Des députés exigent des mesures de protection

Les chefs de groupe parlementaire de plusieurs formations politiques, dont le FLN, le RND, le RCD et le PT, ont expliqué dans leurs interventions que l’Algérie « n’est pas à l’abri, car son économie est basée essentiellement sur des exportations facturées en dollars ».

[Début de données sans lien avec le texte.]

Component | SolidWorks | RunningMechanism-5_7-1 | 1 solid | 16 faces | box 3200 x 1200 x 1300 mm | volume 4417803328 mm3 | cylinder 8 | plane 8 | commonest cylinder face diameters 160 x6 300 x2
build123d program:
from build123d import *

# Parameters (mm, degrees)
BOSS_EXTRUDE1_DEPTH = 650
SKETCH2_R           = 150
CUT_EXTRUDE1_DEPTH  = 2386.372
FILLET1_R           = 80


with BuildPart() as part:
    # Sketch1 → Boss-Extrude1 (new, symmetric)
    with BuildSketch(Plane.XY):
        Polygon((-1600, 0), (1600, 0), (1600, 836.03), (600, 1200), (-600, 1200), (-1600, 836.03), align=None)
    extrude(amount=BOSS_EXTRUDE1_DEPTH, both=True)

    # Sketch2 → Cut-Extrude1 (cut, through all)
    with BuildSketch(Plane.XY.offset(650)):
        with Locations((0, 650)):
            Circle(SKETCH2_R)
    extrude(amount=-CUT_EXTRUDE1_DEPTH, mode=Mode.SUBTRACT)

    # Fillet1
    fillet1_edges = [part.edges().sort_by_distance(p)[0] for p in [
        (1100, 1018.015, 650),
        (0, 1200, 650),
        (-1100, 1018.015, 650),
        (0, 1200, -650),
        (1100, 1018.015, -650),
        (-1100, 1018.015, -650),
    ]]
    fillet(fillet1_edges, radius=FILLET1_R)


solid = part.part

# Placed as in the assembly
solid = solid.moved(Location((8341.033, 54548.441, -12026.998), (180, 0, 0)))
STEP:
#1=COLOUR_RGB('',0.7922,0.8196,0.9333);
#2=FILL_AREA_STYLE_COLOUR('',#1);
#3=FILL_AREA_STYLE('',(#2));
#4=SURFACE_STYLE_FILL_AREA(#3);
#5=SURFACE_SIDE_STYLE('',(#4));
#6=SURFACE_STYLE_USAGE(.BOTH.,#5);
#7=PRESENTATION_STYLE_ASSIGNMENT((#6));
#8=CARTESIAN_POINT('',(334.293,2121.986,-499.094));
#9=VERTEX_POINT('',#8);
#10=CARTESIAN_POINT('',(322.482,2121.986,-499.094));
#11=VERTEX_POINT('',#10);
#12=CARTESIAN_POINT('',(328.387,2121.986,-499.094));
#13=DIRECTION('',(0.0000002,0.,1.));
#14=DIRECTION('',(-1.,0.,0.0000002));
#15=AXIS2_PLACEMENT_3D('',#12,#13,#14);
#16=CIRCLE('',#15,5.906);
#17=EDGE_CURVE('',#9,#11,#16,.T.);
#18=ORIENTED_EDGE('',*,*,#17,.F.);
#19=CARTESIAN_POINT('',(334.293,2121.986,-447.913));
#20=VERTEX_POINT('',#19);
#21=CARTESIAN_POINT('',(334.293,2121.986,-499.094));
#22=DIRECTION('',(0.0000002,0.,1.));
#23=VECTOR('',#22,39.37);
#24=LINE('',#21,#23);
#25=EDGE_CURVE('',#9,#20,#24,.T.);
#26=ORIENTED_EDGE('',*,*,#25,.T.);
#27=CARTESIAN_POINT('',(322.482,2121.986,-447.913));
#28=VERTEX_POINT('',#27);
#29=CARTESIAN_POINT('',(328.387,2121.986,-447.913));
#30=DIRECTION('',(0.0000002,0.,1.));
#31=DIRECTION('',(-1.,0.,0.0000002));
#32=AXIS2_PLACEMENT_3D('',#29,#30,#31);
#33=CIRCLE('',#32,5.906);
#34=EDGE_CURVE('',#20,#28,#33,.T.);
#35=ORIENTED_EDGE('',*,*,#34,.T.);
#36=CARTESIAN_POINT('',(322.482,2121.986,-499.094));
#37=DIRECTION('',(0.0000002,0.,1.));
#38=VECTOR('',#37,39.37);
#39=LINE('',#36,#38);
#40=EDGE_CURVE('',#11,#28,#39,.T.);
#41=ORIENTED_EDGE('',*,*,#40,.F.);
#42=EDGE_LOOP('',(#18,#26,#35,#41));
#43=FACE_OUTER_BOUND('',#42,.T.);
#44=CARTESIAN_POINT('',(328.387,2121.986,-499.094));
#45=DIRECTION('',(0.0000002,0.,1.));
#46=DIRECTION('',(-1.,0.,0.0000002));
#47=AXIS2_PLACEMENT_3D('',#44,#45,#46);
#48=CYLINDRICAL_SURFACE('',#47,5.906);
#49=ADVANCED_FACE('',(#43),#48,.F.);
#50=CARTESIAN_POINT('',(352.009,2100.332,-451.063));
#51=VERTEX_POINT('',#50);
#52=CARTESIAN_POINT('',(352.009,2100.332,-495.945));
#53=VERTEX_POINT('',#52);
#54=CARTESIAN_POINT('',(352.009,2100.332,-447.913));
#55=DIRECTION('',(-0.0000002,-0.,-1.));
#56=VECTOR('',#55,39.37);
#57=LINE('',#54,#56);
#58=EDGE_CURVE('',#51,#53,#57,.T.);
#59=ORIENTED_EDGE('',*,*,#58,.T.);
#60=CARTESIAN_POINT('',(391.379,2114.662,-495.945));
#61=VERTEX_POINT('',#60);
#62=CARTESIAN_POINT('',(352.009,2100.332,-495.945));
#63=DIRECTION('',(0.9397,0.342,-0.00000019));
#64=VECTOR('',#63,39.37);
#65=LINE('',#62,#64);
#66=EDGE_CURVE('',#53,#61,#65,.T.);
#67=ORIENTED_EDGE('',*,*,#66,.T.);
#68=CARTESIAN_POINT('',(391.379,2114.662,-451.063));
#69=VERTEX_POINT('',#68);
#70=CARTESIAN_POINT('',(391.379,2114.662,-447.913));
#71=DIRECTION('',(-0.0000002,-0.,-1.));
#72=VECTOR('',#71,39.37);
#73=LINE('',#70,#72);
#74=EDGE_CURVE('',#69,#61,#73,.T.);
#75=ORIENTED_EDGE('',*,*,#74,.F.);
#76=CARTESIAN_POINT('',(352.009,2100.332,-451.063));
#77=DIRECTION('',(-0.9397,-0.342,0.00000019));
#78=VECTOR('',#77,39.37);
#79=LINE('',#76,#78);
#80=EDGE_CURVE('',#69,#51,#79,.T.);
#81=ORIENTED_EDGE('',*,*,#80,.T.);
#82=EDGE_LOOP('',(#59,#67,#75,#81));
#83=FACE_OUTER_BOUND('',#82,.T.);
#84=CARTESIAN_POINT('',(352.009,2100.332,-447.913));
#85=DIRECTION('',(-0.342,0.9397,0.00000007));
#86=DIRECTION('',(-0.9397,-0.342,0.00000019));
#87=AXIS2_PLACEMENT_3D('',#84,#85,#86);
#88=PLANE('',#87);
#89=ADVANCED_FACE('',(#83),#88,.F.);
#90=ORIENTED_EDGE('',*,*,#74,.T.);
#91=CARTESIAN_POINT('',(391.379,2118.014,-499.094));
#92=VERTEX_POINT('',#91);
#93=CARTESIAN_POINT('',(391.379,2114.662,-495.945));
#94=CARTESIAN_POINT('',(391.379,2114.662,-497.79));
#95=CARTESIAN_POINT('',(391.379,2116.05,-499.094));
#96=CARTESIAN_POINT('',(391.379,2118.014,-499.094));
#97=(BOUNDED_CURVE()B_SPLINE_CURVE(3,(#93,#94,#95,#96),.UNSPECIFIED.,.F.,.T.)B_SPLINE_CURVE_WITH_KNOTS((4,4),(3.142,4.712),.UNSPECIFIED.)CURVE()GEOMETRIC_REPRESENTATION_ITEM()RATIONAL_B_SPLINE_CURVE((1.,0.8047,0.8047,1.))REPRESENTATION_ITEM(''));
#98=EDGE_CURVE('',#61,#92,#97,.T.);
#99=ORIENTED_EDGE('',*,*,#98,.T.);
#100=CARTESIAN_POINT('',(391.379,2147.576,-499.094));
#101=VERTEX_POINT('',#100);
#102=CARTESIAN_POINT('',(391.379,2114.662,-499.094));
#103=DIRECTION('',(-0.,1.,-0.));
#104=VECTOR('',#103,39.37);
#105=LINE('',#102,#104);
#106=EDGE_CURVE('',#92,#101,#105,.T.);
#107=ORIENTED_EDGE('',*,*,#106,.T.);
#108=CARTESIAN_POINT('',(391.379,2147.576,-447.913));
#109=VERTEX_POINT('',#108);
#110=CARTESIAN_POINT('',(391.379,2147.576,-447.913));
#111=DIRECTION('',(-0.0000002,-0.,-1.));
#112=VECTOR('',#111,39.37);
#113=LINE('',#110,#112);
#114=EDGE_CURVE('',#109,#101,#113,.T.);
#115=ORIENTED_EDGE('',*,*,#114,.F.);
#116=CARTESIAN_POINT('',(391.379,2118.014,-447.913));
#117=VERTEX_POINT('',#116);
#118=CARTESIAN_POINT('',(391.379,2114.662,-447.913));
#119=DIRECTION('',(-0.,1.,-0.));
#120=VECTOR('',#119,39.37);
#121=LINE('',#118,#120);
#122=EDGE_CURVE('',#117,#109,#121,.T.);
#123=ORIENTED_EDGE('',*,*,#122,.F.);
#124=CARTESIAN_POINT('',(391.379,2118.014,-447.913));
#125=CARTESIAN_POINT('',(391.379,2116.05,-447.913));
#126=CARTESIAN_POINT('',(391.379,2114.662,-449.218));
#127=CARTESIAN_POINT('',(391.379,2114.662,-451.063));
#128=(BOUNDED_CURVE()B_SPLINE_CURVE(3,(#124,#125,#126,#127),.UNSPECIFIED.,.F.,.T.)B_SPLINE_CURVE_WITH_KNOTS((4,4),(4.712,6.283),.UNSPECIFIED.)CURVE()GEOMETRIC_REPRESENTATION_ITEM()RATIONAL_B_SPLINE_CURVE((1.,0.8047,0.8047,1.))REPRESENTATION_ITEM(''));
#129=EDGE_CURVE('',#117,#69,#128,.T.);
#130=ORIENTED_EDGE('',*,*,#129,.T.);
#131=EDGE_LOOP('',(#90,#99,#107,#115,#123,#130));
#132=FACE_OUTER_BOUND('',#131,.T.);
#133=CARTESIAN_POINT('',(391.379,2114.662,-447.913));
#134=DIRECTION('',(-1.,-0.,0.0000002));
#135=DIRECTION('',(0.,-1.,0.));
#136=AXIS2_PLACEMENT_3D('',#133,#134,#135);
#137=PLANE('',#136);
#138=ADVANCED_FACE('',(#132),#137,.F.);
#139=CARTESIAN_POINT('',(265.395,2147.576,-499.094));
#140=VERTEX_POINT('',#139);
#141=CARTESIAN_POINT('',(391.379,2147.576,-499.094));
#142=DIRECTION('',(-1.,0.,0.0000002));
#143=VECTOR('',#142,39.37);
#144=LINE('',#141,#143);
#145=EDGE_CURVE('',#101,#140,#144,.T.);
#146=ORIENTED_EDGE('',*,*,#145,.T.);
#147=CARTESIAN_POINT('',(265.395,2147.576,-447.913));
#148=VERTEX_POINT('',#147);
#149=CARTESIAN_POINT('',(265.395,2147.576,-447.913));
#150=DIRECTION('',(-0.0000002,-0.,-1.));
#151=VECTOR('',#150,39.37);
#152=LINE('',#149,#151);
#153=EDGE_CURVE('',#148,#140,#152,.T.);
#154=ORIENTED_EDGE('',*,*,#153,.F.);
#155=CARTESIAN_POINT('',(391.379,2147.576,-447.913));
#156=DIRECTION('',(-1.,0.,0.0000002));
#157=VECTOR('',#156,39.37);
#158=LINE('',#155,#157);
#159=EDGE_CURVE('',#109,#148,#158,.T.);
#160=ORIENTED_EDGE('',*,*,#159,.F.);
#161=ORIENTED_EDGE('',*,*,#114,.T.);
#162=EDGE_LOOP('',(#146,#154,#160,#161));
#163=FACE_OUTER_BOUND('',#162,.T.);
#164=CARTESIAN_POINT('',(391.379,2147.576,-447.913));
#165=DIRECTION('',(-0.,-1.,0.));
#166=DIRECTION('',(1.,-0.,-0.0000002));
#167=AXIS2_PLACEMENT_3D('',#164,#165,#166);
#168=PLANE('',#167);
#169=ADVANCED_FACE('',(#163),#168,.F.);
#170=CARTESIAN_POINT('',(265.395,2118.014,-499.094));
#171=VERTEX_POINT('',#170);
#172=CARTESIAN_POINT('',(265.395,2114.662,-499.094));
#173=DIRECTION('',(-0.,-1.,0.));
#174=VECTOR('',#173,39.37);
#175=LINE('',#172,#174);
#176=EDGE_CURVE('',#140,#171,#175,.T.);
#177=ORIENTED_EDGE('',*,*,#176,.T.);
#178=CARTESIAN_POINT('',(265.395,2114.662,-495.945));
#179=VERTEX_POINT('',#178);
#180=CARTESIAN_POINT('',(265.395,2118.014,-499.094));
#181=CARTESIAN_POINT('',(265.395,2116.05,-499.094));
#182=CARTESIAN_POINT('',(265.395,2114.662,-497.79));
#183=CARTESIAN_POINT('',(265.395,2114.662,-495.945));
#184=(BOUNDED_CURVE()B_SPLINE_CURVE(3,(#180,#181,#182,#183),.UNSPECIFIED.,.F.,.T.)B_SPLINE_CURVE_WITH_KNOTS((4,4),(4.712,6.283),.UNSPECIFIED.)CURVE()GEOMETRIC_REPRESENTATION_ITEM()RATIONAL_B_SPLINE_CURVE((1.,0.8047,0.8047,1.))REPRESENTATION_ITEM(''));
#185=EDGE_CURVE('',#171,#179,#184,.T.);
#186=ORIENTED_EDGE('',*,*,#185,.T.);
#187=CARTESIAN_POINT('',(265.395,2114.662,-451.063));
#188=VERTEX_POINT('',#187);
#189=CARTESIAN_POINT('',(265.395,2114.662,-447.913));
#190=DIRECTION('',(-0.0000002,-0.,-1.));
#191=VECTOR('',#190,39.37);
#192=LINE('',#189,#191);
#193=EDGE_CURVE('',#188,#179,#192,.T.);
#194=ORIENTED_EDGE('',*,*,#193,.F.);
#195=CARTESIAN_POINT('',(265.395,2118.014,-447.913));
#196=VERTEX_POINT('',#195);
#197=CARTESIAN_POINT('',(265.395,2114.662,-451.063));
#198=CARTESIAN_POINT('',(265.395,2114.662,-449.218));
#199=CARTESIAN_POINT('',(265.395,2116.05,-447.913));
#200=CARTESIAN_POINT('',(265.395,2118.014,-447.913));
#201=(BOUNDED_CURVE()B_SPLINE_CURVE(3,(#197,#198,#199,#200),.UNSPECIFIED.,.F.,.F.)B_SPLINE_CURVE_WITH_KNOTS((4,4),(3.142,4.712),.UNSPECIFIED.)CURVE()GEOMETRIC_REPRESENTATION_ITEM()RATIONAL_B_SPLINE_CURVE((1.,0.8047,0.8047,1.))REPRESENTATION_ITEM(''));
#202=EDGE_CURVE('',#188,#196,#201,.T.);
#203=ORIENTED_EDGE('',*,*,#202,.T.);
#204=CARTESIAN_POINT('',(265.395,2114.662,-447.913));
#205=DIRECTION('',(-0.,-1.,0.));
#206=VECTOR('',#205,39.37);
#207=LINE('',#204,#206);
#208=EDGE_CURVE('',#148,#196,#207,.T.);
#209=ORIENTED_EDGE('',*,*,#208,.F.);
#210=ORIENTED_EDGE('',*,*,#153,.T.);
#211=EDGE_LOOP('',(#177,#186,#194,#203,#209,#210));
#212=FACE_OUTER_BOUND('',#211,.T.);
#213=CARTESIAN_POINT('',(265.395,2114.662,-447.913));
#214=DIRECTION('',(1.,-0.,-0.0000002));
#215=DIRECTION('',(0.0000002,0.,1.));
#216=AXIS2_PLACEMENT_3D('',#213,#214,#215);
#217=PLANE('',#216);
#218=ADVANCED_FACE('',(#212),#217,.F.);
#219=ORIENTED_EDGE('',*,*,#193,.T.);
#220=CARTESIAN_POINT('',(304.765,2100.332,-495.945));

Les chefs de groupe parlementaire à l’APN ont fait part, samedi soir, lors d’une plénière consacrée à l’examen du projet de loi de finances pour l’année 2009, de la nécessité de prendre des mesures « efficaces » pour préserver l’économie nationale des conséquences de la crise financière mondiale. Selon l’APS, ces parlementaires ont jugé qu’« il est plus qu’urgent de réfléchir sur la façon de protéger l’Algérie d’une crise financière dont les conséquences néfastes ont touché même les économies les plus fortes dans le monde ». Les chefs de groupes parlementaires de plusieurs formations politiques, dont le FLN, le RND, le RCD et le PT, ont expliqué dans leurs interventions que l’Algérie « n’est pas à l’abri, car son économie est basée essentiellement sur des exportations facturées en dollars ». Mme Louisa Hanoune a estimé que les mesures prises par le gouvernement pour faire face à la crise financière mondiale sont « insuffisantes », mettant en garde contre la privatisation des établissements financiers nationaux, à l’image du Crédit populaire d’Algérie.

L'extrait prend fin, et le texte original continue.